Yeni nesil, BOP’ta üretilen ulus devlet parçalayan kalkışma’yı “demokrasi” zannediyor!
Başka?!
Demirel’in ağzında çiftçi vardı, bugün adını ağzına alan kalmadı!
Hayvancılık vardı, kalmadı!
Sanayici vardı, kalmadı!
Kullandığı mühendis cetveli, PSBR vardı, Kişi Başına Düşen Gayrı Safi Milli Hasıla vardı, sadece laf / dedikodu üreten sistem’de meraklısı kalmadı!
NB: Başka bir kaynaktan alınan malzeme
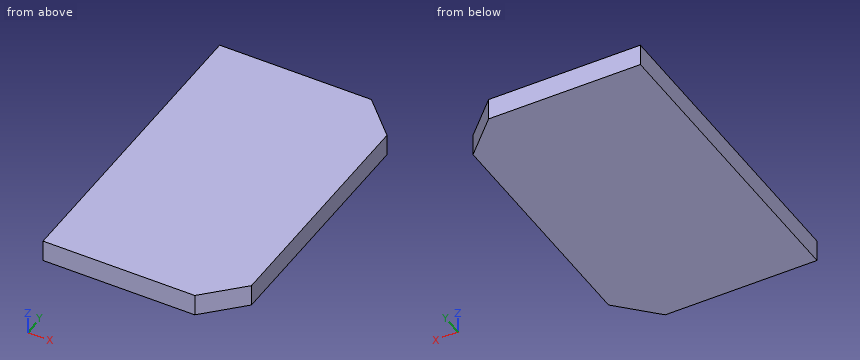
```python
from build123d import *

# Parameters (mm, degrees)
SKETCH_1_W      = 26
SKETCH_1_H      = 43
EXTRUDE_1_DEPTH = 3
CHAMFER_1_SIZE  = 5


with BuildPart() as part:
    # 草图1 → 凸台-拉伸1 (new body)
    with BuildSketch(Plane.XY):
        with Locations((13, 21.5)):
            Rectangle(SKETCH_1_W, SKETCH_1_H)
    extrude(amount=EXTRUDE_1_DEPTH)

    # 倒角1
    chamfer_1_edges = [part.edges().sort_by_distance(p)[0] for p in [
        (26, 43, 1.5),
        (26, 0, 1.5),
    ]]
    chamfer(chamfer_1_edges, length=CHAMFER_1_SIZE)


solid = part.part
```
Check sheet for the modelled part. Datum: model origin and axes. Units: mm. Round coordinates to 2 decimals unless told otherwise and drop trailing zeros. Write each loop counter-clockwise with the first axis right and the second up, starting at its lowest first coordinate (ties: lowest second). Pieces come first, ordered by that corner, then holes. Notation, with made-up numbers: M -24.5,42 L 9.5,42 A8 ccw 9.5,51 Z; hole C 73.25,-2.5 d7. An arc over 180 degrees is marked long. Write item = value, one per line. Start each with the question number.
1. Section check A-A, the plane x = 22.75. Record the cut outline in (y, z).
2. Section check B-B, the plane z = 0.55. Record the cut outline in (x, y).
3. Scan lines: line 1 (X direction, y = 2.5, z = 0.25); line 2 (X direction, y = 4, z = 0.3); line 3 (Y direction, x = 22, z = 2.7). Record each from-to range of solid material in increasing order. Write a range as [from, to].
Results found:
q1.outline = M 1.75,0 L 41.25,0 L 41.25,3 L 1.75,3 Z
q2.outline = M 0,0 L 21,0 L 26,5 L 26,38 L 21,43 L 0,43 Z
q3.line_1 = [0, 23.5]
q3.line_2 = [0, 25]
q3.line_3 = [1, 42]

İşaret parmağı ile Demirel’i günah keçisisi olarak gösterenlere basit bir hatırlatma yapmak isterim:
Sermaye aynı sermaye ve bugün PKK’dan rahatsız değil, muhakkak bir koalisyon kurulmasını istiyor!
TOBB, TÜSİAD, MÜSİAD vb.
“Güvenlik” diye bir dertleri yok!
Bu açıdan bakılınca Kandil de bir pazar, Erbil de, IŞİD de!
Demem o ki:
Baba öldü!
Kimi fani askere gidince büyür, kimisi evlenince büyür, kimisi anası ya da babası ölünce büyür, kimisi çocuğu olunca büyür, kimisi de hiç büyümez, saklanır, suçlamaya devam eder!
“Babam böyle yapmayacaktı” der, durur.
Batılı çağdaş demokrasilerde “BABA”lar yoktur, birey’ler vardır!
Sistem’i kontrol eden, balans vardır!
Türkiye’de balans olmadığı için dönem dönem ayar çekme zorunluluğu oradan gelir.
Türkiye’deki birey’ler, CHP gibi okumuş yetişmiş seçmen’in olduğu bir parti’de dahi düşünmeden, “İmam’ın fetvası” ile oy veren birey’lere dönüşmüş ise kabahat “BABA”da mı yoksa üretmeden “BABA” mirası yiyen nesil’de mi?!
Delirten su’dan içen delirdi.
AKP & Gülen & PKK iktidarında ATATÜRK TÜRKİYESİ’nden kalan ne kadar taşınmaz mülk varsa satıldı, yağmalandı, yenildi içildi:
“Devlet Malı Deniz Yemeyen Domuz!”
Şimdi de, günü kurtarmak için PKK ile IŞİD’le işbirliği içindeler!
Sebep?!
Türkiye’deki siyaseti seçmen, partili finanse etmez, kaynaklar ortada!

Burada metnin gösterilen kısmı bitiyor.